With my brother being only five at the time, he was still getting over his fear of the dark, so one night, about two months after we'd moved in, he was standing by my bed, claiming that he was too scared to go to sleep alone. I told him that he could sleep with me if and ONLY IF he closed his bedroom door. See, I wanted to act like I was tough, but the truth was, his room gave me the creeps and I didn't want to look in it at night.

A few minutes later, he crawled in next to me, and we tried going to sleep. I was just about to drift off when I heard his door creak open. I rolled over, very angry, and said, "I thought I told you to close the door!"

My brother was staring at the still moving door, his eyes wide. "I did," he whispered. As soon as the words have left his mouth, the door slammed shut with such force that the window in it literally exploded, and of course, we ran downstairs to our parents' room, screaming. We moved out the next week.
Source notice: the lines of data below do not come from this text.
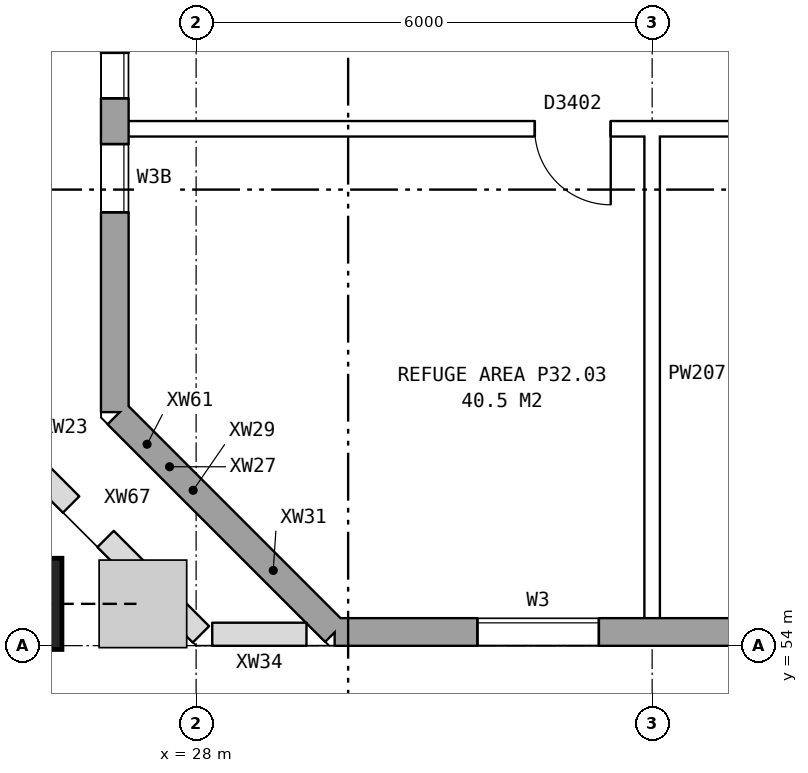
"""IFC4 building model, lengths in metres.
Left out: names, types, materials, properties, quantities, classifications, styles, units other than length and angle.
Written with IfcOpenShell. Run it as: python <this file> out.ifc"""

import sys

from ifc_helpers import new_model, si_unit, direction, frame, frame_2d, origin, origin_2d, place, context, subcontext, project, spatial, rectangle, hollow_rectangle, extrude, element, fill, save


model = new_model("IFC4")
c1 = context("Model", 3, precision=1e-05, world=origin(), true_north=direction((0.0, 1.0)))
c2 = subcontext(c1, "Body", "Model", "MODEL_VIEW")
j1 = project(units=[si_unit("LENGTHUNIT", "METRE"), si_unit("PLANEANGLEUNIT", "RADIAN")], contexts=[c1])
p1 = place(None, origin())
s1 = spatial("IfcSite", under=j1, at=p1, CompositionType="ELEMENT")
p2 = place(p1, origin())
s2 = spatial("IfcBuilding", under=s1, at=p2, CompositionType="ELEMENT")
p3 = place(p2, frame((0.0, 0.0, 115.0)))
s3 = spatial("IfcBuildingStorey", under=s2, at=p3, CompositionType="ELEMENT", Elevation=115.0)
p4 = place(p3, frame((25.635, 54.55, 0.218), z_axis=(0.362446261155, 0.0, 0.932004671541), x_axis=(0.0, 1.0, 0.0)))
e1 = element("IfcColumn", 1, at=p4, inside=s3, PredefinedType="COLUMN", context=c2, shape_type="SweptSolid", body=[
    extrude(hollow_rectangle(XDim=1.2, YDim=1.2, WallThickness=0.065, at=origin_2d()), origin(), (0.0, 0.0, 1.0), 4.362),
])
p5 = place(p3, frame((26.965, 57.039, 0.0), z_axis=(0.0, 0.0, 1.0), x_axis=(0.707106781187, -0.707106781187, 0.0)))
e2 = element("IfcWall", 2, at=p5, inside=s3, PredefinedType="STANDARD", context=c2, shape_type="SweptSolid", body=[
    extrude(rectangle(XDim=0.224, YDim=0.36, at=frame_2d((0.112, 0.0))), origin(), (0.0, 0.0, 1.0), 4.2),
])
p6 = place(p3, frame((27.124, 56.881, 0.953), z_axis=(0.0, 0.0, 1.0), x_axis=(0.707106781187, -0.707106781187, 0.0)))
e3 = element("IfcWall", 3, at=p6, inside=s3, PredefinedType="STANDARD", context=c2, shape_type="SweptSolid", body=[
    extrude(rectangle(XDim=0.652, YDim=0.36, at=frame_2d((0.326, 0.0))), origin(), (0.0, 0.0, 1.0), 3.247),
])
p7 = place(p3, frame((27.585, 56.419, 0.0), z_axis=(0.0, 0.0, 1.0), x_axis=(0.707106781187, -0.707106781187, 0.0)))
e4 = element("IfcWall", 4, at=p7, inside=s3, PredefinedType="STANDARD", context=c2, shape_type="SweptSolid", body=[
    extrude(rectangle(XDim=0.186, YDim=0.36, at=frame_2d((0.093, 0.0))), origin(), (0.0, 0.0, 1.0), 4.2),
])
p8 = place(p3, frame((27.717, 56.288, 0.0), z_axis=(0.0, 0.0, 1.0), x_axis=(0.707106781187, -0.707106781187, 0.0)))
e5 = element("IfcWall", 5, at=p8, inside=s3, PredefinedType="STANDARD", context=c2, shape_type="SweptSolid", body=[
    extrude(rectangle(XDim=0.69, YDim=0.36, at=frame_2d((0.345, 0.0))), origin(), (0.0, 0.0, 1.0), 3.397),
])
p9 = place(p3, frame((28.205, 55.8, 0.0), z_axis=(0.0, 0.0, 1.0), x_axis=(0.707106781187, -0.707106781187, 0.0)))
e6 = element("IfcWall", 6, at=p9, inside=s3, PredefinedType="STANDARD", context=c2, shape_type="SweptSolid", body=[
    extrude(rectangle(XDim=2.291, YDim=0.36, at=frame_2d((1.146, 0.0))), origin(), (0.0, 0.0, 1.0), 4.2),
])
p10 = place(p3, frame((29.825, 54.18, 0.0), z_axis=(0.0, 0.0, 1.0), x_axis=(1.0, 0.0, 0.0)))
e7 = element("IfcWall", 7, at=p10, inside=s3, PredefinedType="STANDARD", context=c2, shape_type="SweptSolid", body=[
    extrude(rectangle(XDim=43.101, YDim=0.36, at=frame_2d((21.55, 0.0))), origin(), (0.0, 0.0, 1.0), 4.2),
])
p11 = place(p10, frame((1.875, 0.0, 1.5)))
e8 = element("IfcOpeningElement", 8, at=p11, cuts=e7, PredefinedType="OPENING", context=c2, shape_type="SweptSolid", body=[
    extrude(rectangle(XDim=1.6, YDim=1.2, at=frame_2d((0.8, 0.6))), frame((0.0, 0.19, 0.0), z_axis=(0.0, -1.0, 0.0), x_axis=(1.0, 0.0, 0.0)), (0.0, 0.0, 1.0), 0.38),
])
p12 = place(p10, frame((5.825, 0.0, 1.5)))
e9 = element("IfcOpeningElement", 9, at=p12, cuts=e7, PredefinedType="OPENING", context=c2, shape_type="SweptSolid", body=[
    extrude(rectangle(XDim=1.6, YDim=1.2, at=frame_2d((0.8, 0.6))), frame((0.0, 0.19, 0.0), z_axis=(0.0, -1.0, 0.0), x_axis=(1.0, 0.0, 0.0)), (0.0, 0.0, 1.0), 0.38),
])
p13 = place(p10, frame((7.875, 0.0, 1.5)))
e10 = element("IfcOpeningElement", 10, at=p13, cuts=e7, PredefinedType="OPENING", context=c2, shape_type="SweptSolid", body=[
    extrude(rectangle(XDim=1.6, YDim=1.2, at=frame_2d((0.8, 0.6))), frame((0.0, 0.19, 0.0), z_axis=(0.0, -1.0, 0.0), x_axis=(1.0, 0.0, 0.0)), (0.0, 0.0, 1.0), 0.38),
])
p14 = place(p10, frame((13.875, 0.0, 1.5)))
e11 = element("IfcOpeningElement", 11, at=p14, cuts=e7, PredefinedType="OPENING", context=c2, shape_type="SweptSolid", body=[
    extrude(rectangle(XDim=1.6, YDim=1.2, at=frame_2d((0.8, 0.6))), frame((0.0, 0.19, 0.0), z_axis=(0.0, -1.0, 0.0), x_axis=(1.0, 0.0, 0.0)), (0.0, 0.0, 1.0), 0.38),
])
p15 = place(p10, frame((18.325, 0.0, 1.5)))
e12 = element("IfcOpeningElement", 12, at=p15, cuts=e7, PredefinedType="OPENING", context=c2, shape_type="SweptSolid", body=[
    extrude(rectangle(XDim=1.2, YDim=1.2, at=frame_2d((0.6, 0.6))), frame((0.0, 0.19, 0.0), z_axis=(0.0, -1.0, 0.0), x_axis=(1.0, 0.0, 0.0)), (0.0, 0.0, 1.0), 0.38),
])
p16 = place(p10, frame((19.875, 0.0, 1.5)))
e13 = element("IfcOpeningElement", 13, at=p16, cuts=e7, PredefinedType="OPENING", context=c2, shape_type="SweptSolid", body=[
    extrude(rectangle(XDim=1.6, YDim=1.2, at=frame_2d((0.8, 0.6))), frame((0.0, 0.19, 0.0), z_axis=(0.0, -1.0, 0.0), x_axis=(1.0, 0.0, 0.0)), (0.0, 0.0, 1.0), 0.38),
])
p17 = place(p10, frame((22.375, 0.0, 1.5)))
e14 = element("IfcOpeningElement", 14, at=p17, cuts=e7, PredefinedType="OPENING", context=c2, shape_type="SweptSolid", body=[
    extrude(rectangle(XDim=0.6, YDim=1.2, at=frame_2d((0.3, 0.6))), frame((0.0, 0.19, 0.0), z_axis=(0.0, -1.0, 0.0), x_axis=(1.0, 0.0, 0.0)), (0.0, 0.0, 1.0), 0.38),
])
p18 = place(p10, frame((25.875, 0.0, 1.5)))
e15 = element("IfcOpeningElement", 15, at=p18, cuts=e7, PredefinedType="OPENING", context=c2, shape_type="SweptSolid", body=[
    extrude(rectangle(XDim=1.6, YDim=1.2, at=frame_2d((0.8, 0.6))), frame((0.0, 0.19, 0.0), z_axis=(0.0, -1.0, 0.0), x_axis=(1.0, 0.0, 0.0)), (0.0, 0.0, 1.0), 0.38),
])
p19 = place(p10, frame((30.775, 0.0, 1.5)))
e16 = element("IfcOpeningElement", 16, at=p19, cuts=e7, PredefinedType="OPENING", context=c2, shape_type="SweptSolid", body=[
    extrude(rectangle(XDim=0.6, YDim=1.2, at=frame_2d((0.3, 0.6))), frame((0.0, 0.19, 0.0), z_axis=(0.0, -1.0, 0.0), x_axis=(1.0, 0.0, 0.0)), (0.0, 0.0, 1.0), 0.38),
])
p20 = place(p10, frame((31.875, 0.0, 1.5)))
e17 = element("IfcOpeningElement", 17, at=p20, cuts=e7, PredefinedType="OPENING", context=c2, shape_type="SweptSolid", body=[
    extrude(rectangle(XDim=1.6, YDim=1.2, at=frame_2d((0.8, 0.6))), frame((0.0, 0.19, 0.0), z_axis=(0.0, -1.0, 0.0), x_axis=(1.0, 0.0, 0.0)), (0.0, 0.0, 1.0), 0.38),
])
p21 = place(p10, frame((34.375, 0.0, 1.5)))
e18 = element("IfcOpeningElement", 18, at=p21, cuts=e7, PredefinedType="OPENING", context=c2, shape_type="SweptSolid", body=[
    extrude(rectangle(XDim=0.9, YDim=1.2, at=frame_2d((0.45, 0.6))), frame((0.0, 0.19, 0.0), z_axis=(0.0, -1.0, 0.0), x_axis=(1.0, 0.0, 0.0)), (0.0, 0.0, 1.0), 0.38),
])
p22 = place(p10, frame((37.875, 0.0, 1.5)))
e19 = element("IfcOpeningElement", 19, at=p22, cuts=e7, PredefinedType="OPENING", context=c2, shape_type="SweptSolid", body=[
    extrude(rectangle(XDim=1.6, YDim=1.2, at=frame_2d((0.8, 0.6))), frame((0.0, 0.19, 0.0), z_axis=(0.0, -1.0, 0.0), x_axis=(1.0, 0.0, 0.0)), (0.0, 0.0, 1.0), 0.38),
])
p23 = place(p10, frame((39.775, 0.0, 1.5)))
e20 = element("IfcOpeningElement", 20, at=p23, cuts=e7, PredefinedType="OPENING", context=c2, shape_type="SweptSolid", body=[
    extrude(rectangle(XDim=0.6, YDim=1.2, at=frame_2d((0.3, 0.6))), frame((0.0, 0.19, 0.0), z_axis=(0.0, -1.0, 0.0), x_axis=(1.0, 0.0, 0.0)), (0.0, 0.0, 1.0), 0.38),
])
p24 = place(p3, frame((26.93, 82.925, 0.0), z_axis=(0.0, 0.0, 1.0), x_axis=(0.0, -1.0, 0.0)))
e21 = element("IfcWall", 21, at=p24, inside=s3, PredefinedType="STANDARD", context=c2, shape_type="SweptSolid", body=[
    extrude(rectangle(XDim=25.851, YDim=0.36, at=frame_2d((12.925, 0.0))), origin(), (0.0, 0.0, 1.0), 4.2),
])
p25 = place(p24, frame((1.625, 0.0, 1.5)))
e22 = element("IfcOpeningElement", 22, at=p25, cuts=e21, PredefinedType="OPENING", context=c2, shape_type="SweptSolid", body=[
    extrude(rectangle(XDim=1.6, YDim=1.2, at=frame_2d((0.8, 0.6))), frame((0.0, 0.19, 0.0), z_axis=(0.0, -1.0, 0.0), x_axis=(1.0, 0.0, 0.0)), (0.0, 0.0, 1.0), 0.38),
])
p26 = place(p24, frame((4.625, 0.0, 1.5)))
e23 = element("IfcOpeningElement", 23, at=p26, cuts=e21, PredefinedType="OPENING", context=c2, shape_type="SweptSolid", body=[
    extrude(rectangle(XDim=1.6, YDim=1.2, at=frame_2d((0.8, 0.6))), frame((0.0, 0.19, 0.0), z_axis=(0.0, -1.0, 0.0), x_axis=(1.0, 0.0, 0.0)), (0.0, 0.0, 1.0), 0.38),
])
p27 = place(p24, frame((8.775, 0.0, 1.5)))
e24 = element("IfcOpeningElement", 24, at=p27, cuts=e21, PredefinedType="OPENING", context=c2, shape_type="SweptSolid", body=[
    extrude(rectangle(XDim=0.6, YDim=1.2, at=frame_2d((0.3, 0.6))), frame((0.0, 0.19, 0.0), z_axis=(0.0, -1.0, 0.0), x_axis=(1.0, 0.0, 0.0)), (0.0, 0.0, 1.0), 0.38),
])
p28 = place(p24, frame((9.675, 0.0, 1.5)))
e25 = element("IfcOpeningElement", 25, at=p28, cuts=e21, PredefinedType="OPENING", context=c2, shape_type="SweptSolid", body=[
    extrude(rectangle(XDim=1.2, YDim=1.2, at=frame_2d((0.6, 0.6))), frame((0.0, 0.19, 0.0), z_axis=(0.0, -1.0, 0.0), x_axis=(1.0, 0.0, 0.0)), (0.0, 0.0, 1.0), 0.38),
])
p29 = place(p24, frame((13.625, 0.0, 1.5)))
e26 = element("IfcOpeningElement", 26, at=p29, cuts=e21, PredefinedType="OPENING", context=c2, shape_type="SweptSolid", body=[
    extrude(rectangle(XDim=1.6, YDim=1.2, at=frame_2d((0.8, 0.6))), frame((0.0, 0.19, 0.0), z_axis=(0.0, -1.0, 0.0), x_axis=(1.0, 0.0, 0.0)), (0.0, 0.0, 1.0), 0.38),
])
p30 = place(p24, frame((16.625, 0.0, 1.5)))
e27 = element("IfcOpeningElement", 27, at=p30, cuts=e21, PredefinedType="OPENING", context=c2, shape_type="SweptSolid", body=[
    extrude(rectangle(XDim=1.6, YDim=1.2, at=frame_2d((0.8, 0.6))), frame((0.0, 0.19, 0.0), z_axis=(0.0, -1.0, 0.0), x_axis=(1.0, 0.0, 0.0)), (0.0, 0.0, 1.0), 0.38),
])
p31 = place(p24, frame((21.125, 0.0, 1.5)))
e28 = element("IfcOpeningElement", 28, at=p31, cuts=e21, PredefinedType="OPENING", context=c2, shape_type="SweptSolid", body=[
    extrude(rectangle(XDim=0.6, YDim=1.2, at=frame_2d((0.3, 0.6))), frame((0.0, 0.19, 0.0), z_axis=(0.0, -1.0, 0.0), x_axis=(1.0, 0.0, 0.0)), (0.0, 0.0, 1.0), 0.38),
])
p32 = place(p24, frame((22.325, 0.0, 1.5)))
e29 = element("IfcOpeningElement", 29, at=p32, cuts=e21, PredefinedType="OPENING", context=c2, shape_type="SweptSolid", body=[
    extrude(rectangle(XDim=0.9, YDim=1.2, at=frame_2d((0.45, 0.6))), frame((0.0, 0.19, 0.0), z_axis=(0.0, -1.0, 0.0), x_axis=(1.0, 0.0, 0.0)), (0.0, 0.0, 1.0), 0.38),
])
p33 = place(p24, frame((15.525, 0.0, 1.5)))
e30 = element("IfcOpeningElement", 30, at=p33, cuts=e21, PredefinedType="OPENING", context=c2, shape_type="SweptSolid", body=[
    extrude(rectangle(XDim=0.6, YDim=1.2, at=frame_2d((0.3, 0.6))), frame((0.0, 0.19, 0.0), z_axis=(0.0, -1.0, 0.0), x_axis=(1.0, 0.0, 0.0)), (0.0, 0.0, 1.0), 0.38),
])
p34 = place(p3, frame((25.398, 56.814, 0.0), z_axis=(0.0, 0.0, 1.0), x_axis=(0.707106781187, -0.707106781187, 0.0)))
e31 = element("IfcWall", 31, at=p34, inside=s3, PredefinedType="PARAPET", context=c2, shape_type="SweptSolid", body=[
    extrude(rectangle(XDim=1.352, YDim=0.3, at=frame_2d((0.676, 0.0))), origin(), (0.0, 0.0, 1.0), 1.1),
])
p35 = place(p3, frame((26.81, 55.402, 0.0), z_axis=(0.0, 0.0, 1.0), x_axis=(0.707037825433, -0.707175730216, 0.0)))
e32 = element("IfcWall", 32, at=p35, inside=s3, PredefinedType="PARAPET", context=c2, shape_type="SweptSolid", body=[
    extrude(rectangle(XDim=1.77, YDim=0.3, at=frame_2d((0.885, 0.0))), origin(), (0.0, 0.0, 1.0), 1.1),
])
p36 = place(p3, frame((28.214, 54.15, 0.0), z_axis=(0.0, 0.0, 1.0), x_axis=(1.0, 0.0, 0.0)))
e33 = element("IfcWall", 33, at=p36, inside=s3, PredefinedType="PARAPET", context=c2, shape_type="SweptSolid", body=[
    extrude(rectangle(XDim=1.236, YDim=0.3, at=frame_2d((0.618, 0.0))), origin(), (0.0, 0.0, 1.0), 1.1),
])
p37 = place(p3, frame((26.99, 60.8, 0.0), z_axis=(0.0, 0.0, 1.0), x_axis=(1.0, 0.0, 0.0)))
e34 = element("IfcWall", 34, at=p37, inside=s3, PredefinedType="PARTITIONING", context=c2, shape_type="SweptSolid", body=[
    extrude(rectangle(XDim=48.77, YDim=0.2, at=frame_2d((24.385, 0.0))), origin(), (0.0, 0.0, 1.0), 4.2),
])
p38 = place(p37, frame((5.465, 0.0, 0.0)))
e35 = element("IfcOpeningElement", 35, at=p38, cuts=e34, PredefinedType="OPENING", context=c2, shape_type="SweptSolid", body=[
    extrude(rectangle(XDim=1.0, YDim=2.1, at=frame_2d((0.5, 1.05))), frame((0.0, 0.11, 0.0), z_axis=(0.0, -1.0, 0.0), x_axis=(1.0, 0.0, 0.0)), (0.0, 0.0, 1.0), 0.22),
])
p39 = place(p37, frame((9.51, 0.0, 0.0)))
e36 = element("IfcOpeningElement", 36, at=p39, cuts=e34, PredefinedType="OPENING", context=c2, shape_type="SweptSolid", body=[
    extrude(rectangle(XDim=1.0, YDim=2.1, at=frame_2d((0.5, 1.05))), frame((0.0, 0.11, 0.0), z_axis=(0.0, -1.0, 0.0), x_axis=(1.0, 0.0, 0.0)), (0.0, 0.0, 1.0), 0.22),
])
p40 = place(p37, frame((15.51, 0.0, 0.0)))
e37 = element("IfcOpeningElement", 37, at=p40, cuts=e34, PredefinedType="OPENING", context=c2, shape_type="SweptSolid", body=[
    extrude(rectangle(XDim=1.0, YDim=2.1, at=frame_2d((0.5, 1.05))), frame((0.0, 0.11, 0.0), z_axis=(0.0, -1.0, 0.0), x_axis=(1.0, 0.0, 0.0)), (0.0, 0.0, 1.0), 0.22),
])
p41 = place(p37, frame((21.51, 0.0, 0.0)))
e38 = element("IfcOpeningElement", 38, at=p41, cuts=e34, PredefinedType="OPENING", context=c2, shape_type="SweptSolid", body=[
    extrude(rectangle(XDim=1.0, YDim=2.1, at=frame_2d((0.5, 1.05))), frame((0.0, 0.11, 0.0), z_axis=(0.0, -1.0, 0.0), x_axis=(1.0, 0.0, 0.0)), (0.0, 0.0, 1.0), 0.22),
])
p42 = place(p37, frame((30.51, 0.0, 0.0)))
e39 = element("IfcOpeningElement", 39, at=p42, cuts=e34, PredefinedType="OPENING", context=c2, shape_type="SweptSolid", body=[
    extrude(rectangle(XDim=1.0, YDim=2.1, at=frame_2d((0.5, 1.05))), frame((0.0, 0.11, 0.0), z_axis=(0.0, -1.0, 0.0), x_axis=(1.0, 0.0, 0.0)), (0.0, 0.0, 1.0), 0.22),
])
p43 = place(p37, frame((42.33, 0.0, 0.0)))
e40 = element("IfcOpeningElement", 40, at=p43, cuts=e34, PredefinedType="OPENING", context=c2, shape_type="SweptSolid", body=[
    extrude(rectangle(XDim=1.0, YDim=2.1, at=frame_2d((0.5, 1.05))), frame((0.0, 0.11, 0.0), z_axis=(0.0, -1.0, 0.0), x_axis=(1.0, 0.0, 0.0)), (0.0, 0.0, 1.0), 0.22),
])
p44 = place(p3, frame((34.0, 54.24, 0.0), z_axis=(0.0, 0.0, 1.0), x_axis=(0.0, 1.0, 0.0)))
e41 = element("IfcWall", 41, at=p44, inside=s3, PredefinedType="PARTITIONING", context=c2, shape_type="SweptSolid", body=[
    extrude(rectangle(XDim=6.66, YDim=0.2, at=frame_2d((3.33, 0.0))), origin(), (0.0, 0.0, 1.0), 4.2),
])
p45 = place(p11, origin())
e42 = element("IfcWindow", 42, at=p45, inside=s3, PartitioningType="DOUBLE_PANEL_HORIZONTAL", PredefinedType="WINDOW", context=c2, shape_type="SweptSolid", body=[
    extrude(rectangle(XDim=1.6, YDim=1.2, at=frame_2d((0.8, 0.6))), frame((0.0, 0.15, 0.0), z_axis=(0.0, -1.0, 0.0), x_axis=(1.0, 0.0, 0.0)), (0.0, 0.0, 1.0), 0.06),
])
fill(e8, e42)
p46 = place(p31, origin())
e43 = element("IfcWindow", 43, at=p46, inside=s3, PartitioningType="DOUBLE_PANEL_HORIZONTAL", PredefinedType="WINDOW", context=c2, shape_type="SweptSolid", body=[
    extrude(rectangle(XDim=0.6, YDim=1.2, at=frame_2d((0.3, 0.6))), frame((0.0, 0.15, 0.0), z_axis=(0.0, -1.0, 0.0), x_axis=(1.0, 0.0, 0.0)), (0.0, 0.0, 1.0), 0.06),
])
fill(e28, e43)
p47 = place(p32, origin())
e44 = element("IfcWindow", 44, at=p47, inside=s3, PartitioningType="DOUBLE_PANEL_HORIZONTAL", PredefinedType="WINDOW", context=c2, shape_type="SweptSolid", body=[
    extrude(rectangle(XDim=0.9, YDim=1.2, at=frame_2d((0.45, 0.6))), frame((0.0, 0.15, 0.0), z_axis=(0.0, -1.0, 0.0), x_axis=(1.0, 0.0, 0.0)), (0.0, 0.0, 1.0), 0.06),
])
fill(e29, e44)
p48 = place(p38, frame((1.0, 0.0, 0.0), z_axis=(0.0, 0.0, 1.0), x_axis=(-1.0, 0.0, 0.0)))
e45 = element("IfcDoor", 45, at=p48, inside=s3, OperationType="SINGLE_SWING_LEFT", PredefinedType="DOOR", context=c2, shape_type="SweptSolid", body=[
    extrude(rectangle(XDim=1.0, YDim=2.1, at=frame_2d((0.5, 1.05))), frame((0.0, 0.025, 0.0), z_axis=(0.0, -1.0, 0.0), x_axis=(1.0, 0.0, 0.0)), (0.0, 0.0, 1.0), 0.05),
])
fill(e35, e45)
save(model, sys.argv[1])

Now, this is just a side-note against some of the skeptics out there about that room. The room was very small with only one window that had been nailed shut a long time ago, so the slamming door wasn't caused by wind of any kind. The attic itself didn't have any sort of heating or air- conditioning either, so it wasn't caused by a draft, and we were the only ones up there. For some reason, our two cats wouldn't go near the stairs, let alone up them, and neither would our dog. Both our parents were in bed when we came in screaming.

I've been told that the house has had many owners since, and none of them have lasted more than four months at a time. Though I don't know who originally built the house, but I, for one, am surprised it hasn't been condemned yet.